Why Waiting Is So Painful

Preacher:
Date: July 31, 2019

Speaker: Bonnie Sala | Series: Guidelines For Living | See, I am doing a new thing!  Now it springs up; do you not perceive it?  I am making a way in the wilderness and streams in the wasteland.  Isaiah 43:19 NIV

“Life has no waiting rooms” Ann Voskamp blogged.  “Life only has labor and delivery rooms.”  If you’ve ever gone through labor or even been anywhere near a woman in labor, you know that labor is not a comfortable state to be in.  Quite bluntly:  it hurts.  A lot.  A woman in labor, who was previously overjoyed at the thought of welcoming a new little life into the world, may decide she’s changed her mind.  “Forget this baby idea—just get me out of this insanely painful place,” she may think. 
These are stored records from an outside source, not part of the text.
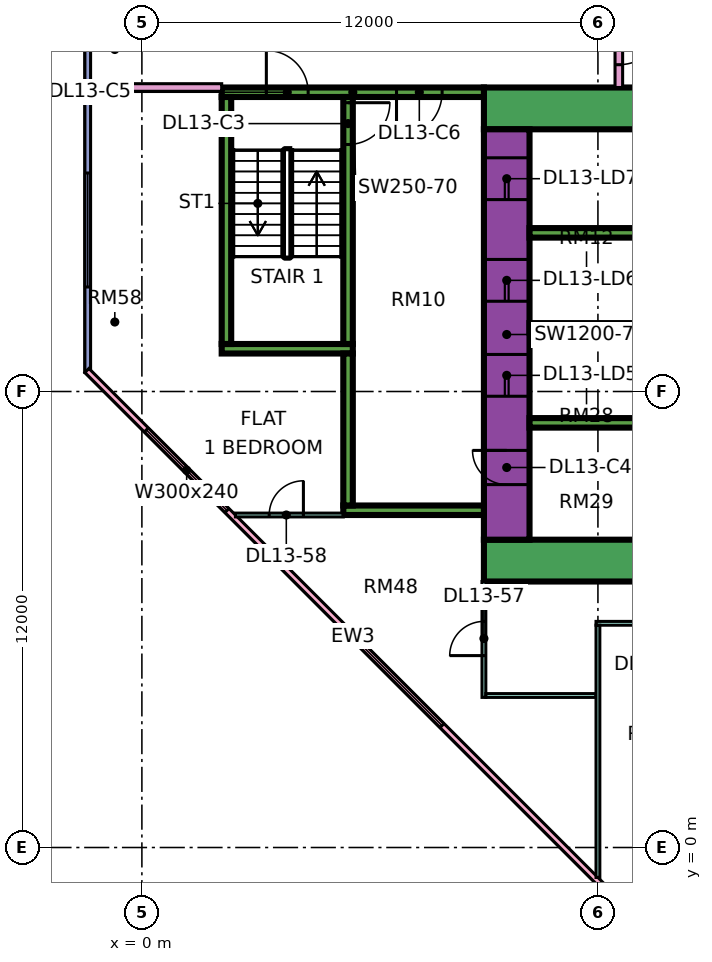
"""IFC4 building model, lengths in metres.
Left out: names, types, materials, properties, quantities, classifications, styles, units other than length and angle.
Written with IfcOpenShell. Run it as: python <this file> out.ifc"""

import sys

from ifc_helpers import new_model, si_unit, direction, frame, frame_2d, origin, place, context, subcontext, project, spatial, rectangle, extrude, element, fill, save


model = new_model("IFC4")
c1 = context("Model", 3, precision=1e-05, world=origin(), true_north=direction((0.0, 1.0)))
c2 = subcontext(c1, "Body", "Model", "MODEL_VIEW")
j1 = project(units=[si_unit("LENGTHUNIT", "METRE"), si_unit("PLANEANGLEUNIT", "RADIAN")], contexts=[c1])
p1 = place(None, origin())
s1 = spatial("IfcSite", under=j1, at=p1, CompositionType="ELEMENT")
p2 = place(p1, origin())
s2 = spatial("IfcBuilding", under=s1, at=p2, CompositionType="ELEMENT")
p3 = place(p2, frame((0.0, 0.0, 63.9)))
s3 = spatial("IfcBuildingStorey", under=s2, at=p3, CompositionType="ELEMENT", Elevation=63.9)
p4 = place(p3, frame((9.0, 7.55, 0.0), z_axis=(0.0, 0.0, 1.0), x_axis=(1.0, 0.0, 0.0)))
e1 = element("IfcWall", 1, at=p4, inside=s3, PredefinedType="SHEAR", context=c2, shape_type="SweptSolid", body=[
    extrude(rectangle(XDim=25.0, YDim=1.1, at=frame_2d((12.5, 0.0))), origin(), (0.0, 0.0, 1.0), 3.75),
])
p5 = place(p3, frame((9.0, 19.45, 0.0), z_axis=(0.0, 0.0, 1.0), x_axis=(1.0, 0.0, 0.0)))
e2 = element("IfcWall", 2, at=p5, inside=s3, PredefinedType="SHEAR", context=c2, shape_type="SweptSolid", body=[
    extrude(rectangle(XDim=25.0, YDim=1.1, at=frame_2d((12.5, 0.0))), origin(), (0.0, 0.0, 1.0), 3.75),
])
p6 = place(p5, frame((19.1, 0.0, 0.0)))
e3 = element("IfcOpeningElement", 3, at=p6, cuts=e2, PredefinedType="OPENING", context=c2, shape_type="SweptSolid", body=[
    extrude(rectangle(XDim=1.8, YDim=2.4, at=frame_2d((0.9, 1.2))), frame((0.0, 0.56, 0.0), z_axis=(0.0, -1.0, 0.0), x_axis=(1.0, 0.0, 0.0)), (0.0, 0.0, 1.0), 1.12),
])
p7 = place(p3, frame((9.6, 8.1, 0.0), z_axis=(0.0, 0.0, 1.0), x_axis=(0.0, 1.0, 0.0)))
e4 = element("IfcWall", 4, at=p7, inside=s3, PredefinedType="SHEAR", context=c2, shape_type="SweptSolid", body=[
    extrude(rectangle(XDim=10.8, YDim=1.2, at=frame_2d((5.4, 0.0))), origin(), (0.0, 0.0, 1.0), 3.75),
])
p8 = place(p7, frame((3.775, 0.0, 0.0)))
e5 = element("IfcOpeningElement", 5, at=p8, cuts=e4, PredefinedType="OPENING", context=c2, shape_type="SweptSolid", body=[
    extrude(rectangle(XDim=1.1, YDim=2.2, at=frame_2d((0.55, 1.1))), frame((0.0, 0.61, 0.0), z_axis=(0.0, -1.0, 0.0), x_axis=(1.0, 0.0, 0.0)), (0.0, 0.0, 1.0), 1.22),
])
p9 = place(p7, frame((6.275, 0.0, 0.0)))
e6 = element("IfcOpeningElement", 6, at=p9, cuts=e4, PredefinedType="OPENING", context=c2, shape_type="SweptSolid", body=[
    extrude(rectangle(XDim=1.1, YDim=2.2, at=frame_2d((0.55, 1.1))), frame((0.0, 0.61, 0.0), z_axis=(0.0, -1.0, 0.0), x_axis=(1.0, 0.0, 0.0)), (0.0, 0.0, 1.0), 1.22),
])
p10 = place(p7, frame((8.95, 0.0, 0.0)))
e7 = element("IfcOpeningElement", 7, at=p10, cuts=e4, PredefinedType="OPENING", context=c2, shape_type="SweptSolid", body=[
    extrude(rectangle(XDim=1.1, YDim=2.2, at=frame_2d((0.55, 1.1))), frame((0.0, 0.61, 0.0), z_axis=(0.0, -1.0, 0.0), x_axis=(1.0, 0.0, 0.0)), (0.0, 0.0, 1.0), 1.22),
])
p11 = place(p7, frame((1.45, 0.0, 0.0)))
e8 = element("IfcOpeningElement", 8, at=p11, cuts=e4, PredefinedType="OPENING", context=c2, shape_type="SweptSolid", body=[
    extrude(rectangle(XDim=0.9, YDim=2.1, at=frame_2d((0.45, 1.05))), frame((0.0, 0.61, 0.0), z_axis=(0.0, -1.0, 0.0), x_axis=(1.0, 0.0, 0.0)), (0.0, 0.0, 1.0), 1.22),
])
for number, where, z_axis, x_axis in (
    (9, (10.2, 11.175, 0.0), (0.0, 0.0, 1.0), (1.0, 0.0, 0.0)),
    (10, (10.2, 13.675, 0.0), (0.0, 0.0, 1.0), (1.0, 0.0, 0.0)),
    (11, (10.2, 16.175, 0.0), (0.0, 0.0, 1.0), (1.0, 0.0, 0.0)),
):
    element("IfcWall", number, at=place(p3, frame(where, z_axis=z_axis, x_axis=x_axis)), inside=s3, PredefinedType="SHEAR", context=c2, shape_type="SweptSolid", body=[
        extrude(rectangle(XDim=3.0, YDim=0.25, at=frame_2d((1.5, 0.0))), origin(), (0.0, 0.0, 1.0), 3.75),
    ])
p12 = place(p3, frame((2.1, 19.875, 0.0), z_axis=(0.0, 0.0, 1.0), x_axis=(1.0, 0.0, 0.0)))
e12 = element("IfcWall", 12, at=p12, inside=s3, PredefinedType="SHEAR", context=c2, shape_type="SweptSolid", body=[
    extrude(rectangle(XDim=6.9, YDim=0.25, at=frame_2d((3.45, 0.0))), origin(), (0.0, 0.0, 1.0), 3.75),
])
p13 = place(p12, frame((1.175, 0.0, 0.0)))
e13 = element("IfcOpeningElement", 13, at=p13, cuts=e12, PredefinedType="OPENING", context=c2, shape_type="SweptSolid", body=[
    extrude(rectangle(XDim=1.1, YDim=2.2, at=frame_2d((0.55, 1.1))), frame((0.0, 0.135, 0.0), z_axis=(0.0, -1.0, 0.0), x_axis=(1.0, 0.0, 0.0)), (0.0, 0.0, 1.0), 0.27),
])
p14 = place(p12, frame((4.6, 0.0, 0.0)))
e14 = element("IfcOpeningElement", 14, at=p14, cuts=e12, PredefinedType="OPENING", context=c2, shape_type="SweptSolid", body=[
    extrude(rectangle(XDim=1.2, YDim=2.2, at=frame_2d((0.6, 1.1))), frame((0.0, 0.135, 0.0), z_axis=(0.0, -1.0, 0.0), x_axis=(1.0, 0.0, 0.0)), (0.0, 0.0, 1.0), 0.27),
])
p15 = place(p3, frame((2.1, 13.125, 0.0), z_axis=(0.0, 0.0, 1.0), x_axis=(1.0, 0.0, 0.0)))
e15 = element("IfcWall", 15, at=p15, inside=s3, PredefinedType="SHEAR", context=c2, shape_type="SweptSolid", body=[
    extrude(rectangle(XDim=3.45, YDim=0.25, at=frame_2d((1.725, 0.0))), origin(), (0.0, 0.0, 1.0), 3.75),
])
p16 = place(p3, frame((2.225, 13.25, 0.0), z_axis=(0.0, 0.0, 1.0), x_axis=(0.0, 1.0, 0.0)))
e16 = element("IfcWall", 16, at=p16, inside=s3, PredefinedType="SHEAR", context=c2, shape_type="SweptSolid", body=[
    extrude(rectangle(XDim=6.5, YDim=0.25, at=frame_2d((3.25, 0.0))), origin(), (0.0, 0.0, 1.0), 3.75),
])
p17 = place(p3, frame((5.425, 13.25, 0.0), z_axis=(0.0, 0.0, 1.0), x_axis=(0.0, 1.0, 0.0)))
e17 = element("IfcWall", 17, at=p17, inside=s3, PredefinedType="SHEAR", context=c2, shape_type="SweptSolid", body=[
    extrude(rectangle(XDim=6.5, YDim=0.25, at=frame_2d((3.25, 0.0))), origin(), (0.0, 0.0, 1.0), 3.75),
])
p18 = place(p17, frame((5.25, 0.0, 0.0)))
e18 = element("IfcOpeningElement", 18, at=p18, cuts=e17, PredefinedType="OPENING", context=c2, shape_type="SweptSolid", body=[
    extrude(rectangle(XDim=1.1, YDim=2.2, at=frame_2d((0.55, 1.1))), frame((0.0, 0.135, 0.0), z_axis=(0.0, -1.0, 0.0), x_axis=(1.0, 0.0, 0.0)), (0.0, 0.0, 1.0), 0.27),
])
p19 = place(p3, frame((5.3, 8.875, 0.0), z_axis=(0.0, 0.0, 1.0), x_axis=(1.0, 0.0, 0.0)))
e19 = element("IfcWall", 19, at=p19, inside=s3, PredefinedType="SHEAR", context=c2, shape_type="SweptSolid", body=[
    extrude(rectangle(XDim=3.7, YDim=0.25, at=frame_2d((1.85, 0.0))), origin(), (0.0, 0.0, 1.0), 3.75),
])
p20 = place(p3, frame((5.425, 9.0, 0.0), z_axis=(0.0, 0.0, 1.0), x_axis=(0.0, 1.0, 0.0)))
e20 = element("IfcWall", 20, at=p20, inside=s3, PredefinedType="SHEAR", context=c2, shape_type="SweptSolid", body=[
    extrude(rectangle(XDim=4.0, YDim=0.25, at=frame_2d((2.0, 0.0))), origin(), (0.0, 0.0, 1.0), 3.75),
])
p21 = place(p3, frame((-1.425, 23.925, 0.0), z_axis=(0.0, 0.0, 1.0), x_axis=(0.0, -1.0, 0.0)))
e21 = element("IfcWall", 21, at=p21, inside=s3, PredefinedType="SOLIDWALL", context=c2, shape_type="SweptSolid", body=[
    extrude(rectangle(XDim=11.425, YDim=0.15, at=frame_2d((5.712, 0.0))), origin(), (0.0, 0.0, 1.0), 3.35),
])
p22 = place(p21, frame((6.175, 0.0, 0.45)))
e22 = element("IfcOpeningElement", 22, at=p22, cuts=e21, PredefinedType="OPENING", context=c2, shape_type="SweptSolid", body=[
    extrude(rectangle(XDim=3.0, YDim=2.4, at=frame_2d((1.5, 1.2))), frame((0.0, 0.085, 0.0), z_axis=(0.0, -1.0, 0.0), x_axis=(1.0, 0.0, 0.0)), (0.0, 0.0, 1.0), 0.17),
])
p23 = place(p3, frame((-1.447, 12.553, 0.0), z_axis=(0.0, 0.0, 1.0), x_axis=(0.707106781187, -0.707106781187, 0.0)))
e23 = element("IfcWall", 23, at=p23, inside=s3, PredefinedType="SOLIDWALL", context=c2, shape_type="SweptSolid", body=[
    extrude(rectangle(XDim=19.799, YDim=0.15, at=frame_2d((9.899, 0.0))), origin(), (0.0, 0.0, 1.0), 3.35),
])
p24 = place(p23, frame((2.212, 0.0, 0.45)))
e24 = element("IfcOpeningElement", 24, at=p24, cuts=e23, PredefinedType="OPENING", context=c2, shape_type="SweptSolid", body=[
    extrude(rectangle(XDim=3.0, YDim=2.4, at=frame_2d((1.5, 1.2))), frame((0.0, 0.085, 0.0), z_axis=(0.0, -1.0, 0.0), x_axis=(1.0, 0.0, 0.0)), (0.0, 0.0, 1.0), 0.17),
])
p25 = place(p23, frame((10.216, 0.0, 0.45)))
e25 = element("IfcOpeningElement", 25, at=p25, cuts=e23, PredefinedType="OPENING", context=c2, shape_type="SweptSolid", body=[
    extrude(rectangle(XDim=3.0, YDim=2.4, at=frame_2d((1.5, 1.2))), frame((0.0, 0.085, 0.0), z_axis=(0.0, -1.0, 0.0), x_axis=(1.0, 0.0, 0.0)), (0.0, 0.0, 1.0), 0.17),
])
p26 = place(p3, frame((-1.35, 20.0, 0.0), z_axis=(0.0, 0.0, 1.0), x_axis=(1.0, 0.0, 0.0)))
e26 = element("IfcWall", 26, at=p26, inside=s3, PredefinedType="PARTITIONING", context=c2, shape_type="SweptSolid", body=[
    extrude(rectangle(XDim=3.45, YDim=0.2, at=frame_2d((1.725, 0.0))), origin(), (0.0, 0.0, 1.0), 3.35),
])
p27 = place(p3, frame((2.461, 8.75, 0.0), z_axis=(0.0, 0.0, 1.0), x_axis=(1.0, 0.0, 0.0)))
e27 = element("IfcWall", 27, at=p27, inside=s3, PredefinedType="PARTITIONING", context=c2, shape_type="SweptSolid", body=[
    extrude(rectangle(XDim=2.839, YDim=0.1, at=frame_2d((1.419, 0.0))), origin(), (0.0, 0.0, 1.0), 3.35),
])
p28 = place(p27, frame((0.889, 0.0, 0.0)))
e28 = element("IfcOpeningElement", 28, at=p28, cuts=e27, PredefinedType="OPENING", context=c2, shape_type="SweptSolid", body=[
    extrude(rectangle(XDim=0.9, YDim=2.1, at=frame_2d((0.45, 1.05))), frame((0.0, 0.06, 0.0), z_axis=(0.0, -1.0, 0.0), x_axis=(1.0, 0.0, 0.0)), (0.0, 0.0, 1.0), 0.12),
])
p29 = place(p3, frame((9.0, 3.95, 0.0), z_axis=(0.0, 0.0, 1.0), x_axis=(0.0, 1.0, 0.0)))
e29 = element("IfcWall", 29, at=p29, inside=s3, PredefinedType="PARTITIONING", context=c2, shape_type="SweptSolid", body=[
    extrude(rectangle(XDim=3.05, YDim=0.1, at=frame_2d((1.525, 0.0))), origin(), (0.0, 0.0, 1.0), 3.35),
])
p30 = place(p29, frame((1.1, 0.0, 0.0)))
e30 = element("IfcOpeningElement", 30, at=p30, cuts=e29, PredefinedType="OPENING", context=c2, shape_type="SweptSolid", body=[
    extrude(rectangle(XDim=0.9, YDim=2.1, at=frame_2d((0.45, 1.05))), frame((0.0, 0.06, 0.0), z_axis=(0.0, -1.0, 0.0), x_axis=(1.0, 0.0, 0.0)), (0.0, 0.0, 1.0), 0.12),
])
p31 = place(p3, frame((9.05, 4.0, 0.0), z_axis=(0.0, 0.0, 1.0), x_axis=(1.0, 0.0, 0.0)))
e31 = element("IfcWall", 31, at=p31, inside=s3, PredefinedType="PARTITIONING", context=c2, shape_type="SweptSolid", body=[
    extrude(rectangle(XDim=2.9, YDim=0.1, at=frame_2d((1.45, 0.0))), origin(), (0.0, 0.0, 1.0), 3.35),
])
p32 = place(p3, frame((11.95, 5.9, 0.0), z_axis=(0.0, 0.0, 1.0), x_axis=(1.0, 0.0, 0.0)))
e32 = element("IfcWall", 32, at=p32, inside=s3, PredefinedType="PARTITIONING", context=c2, shape_type="SweptSolid", body=[
    extrude(rectangle(XDim=21.1, YDim=0.1, at=frame_2d((10.55, 0.0))), origin(), (0.0, 0.0, 1.0), 3.35),
])
p33 = place(p32, frame((1.1, 0.0, 0.0)))
e33 = element("IfcOpeningElement", 33, at=p33, cuts=e32, PredefinedType="OPENING", context=c2, shape_type="SweptSolid", body=[
    extrude(rectangle(XDim=0.9, YDim=2.1, at=frame_2d((0.45, 1.05))), frame((0.0, 0.06, 0.0), z_axis=(0.0, -1.0, 0.0), x_axis=(1.0, 0.0, 0.0)), (0.0, 0.0, 1.0), 0.12),
])
p34 = place(p32, frame((4.1, 0.0, 0.0)))
e34 = element("IfcOpeningElement", 34, at=p34, cuts=e32, PredefinedType="OPENING", context=c2, shape_type="SweptSolid", body=[
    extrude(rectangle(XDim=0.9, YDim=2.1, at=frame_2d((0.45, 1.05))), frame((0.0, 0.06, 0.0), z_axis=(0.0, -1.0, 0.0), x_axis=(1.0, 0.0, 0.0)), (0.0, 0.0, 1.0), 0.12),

When we are forced to wait in this life, when dreams, plans and goals that seemed like they were positive, God-pleasing things, just fall apart, it hurts.  It hurts a lot.  Voskamp’s point, however, is a good one.  “Waiting rooms,” she says, “are actually birthing rooms and what feels like the contraction of our plans can be the birthing of greater purposes.”  Yes, for the believer in Jesus, there is a purpose for the pain involved in waiting.

Labor rooms, or birthing rooms are active places, usually abuzz with all the focus on the new life that’s arriving into this big, cold world.   But when we’re waiting for rain to fall, as Voskamp’s farming family was, waiting for exam results or waiting for someone you love to get well, to come home or to come to their senses–waiting doesn’t feel like labor.  It’s an uncomfortable, frustrating and painful place to be.

There are many famous “waiters,” people who were waiting, that we can be encouraged by in the Bible.  In the book of Genesis, a man named Joseph’s waiting room was a prison cell.  First sold into slavery by his jealous brothers, then falsely accused of assaulting his master’s wife, he sat in an Egyptian prison, forgotten and far away from his home in the land of Canaan.

Even after 11 years of slavery and two years of sitting in prison, Joseph still trusted God even though it looked like he could spend the rest of his life in prison.  “Until the time came to fulfill his word, the Lord tested Joseph’s character” it says in Psalm 105 (Psalms 105:19).    It’s encouraging to remember that Joseph was exactly where he was supposed to be—in prison, because it reminds us that although we may be waiting in a pool of pain, we are not necessarily out of the will and the plan of God.  Jesus told us, “In this world you will have trouble” (John 16:33).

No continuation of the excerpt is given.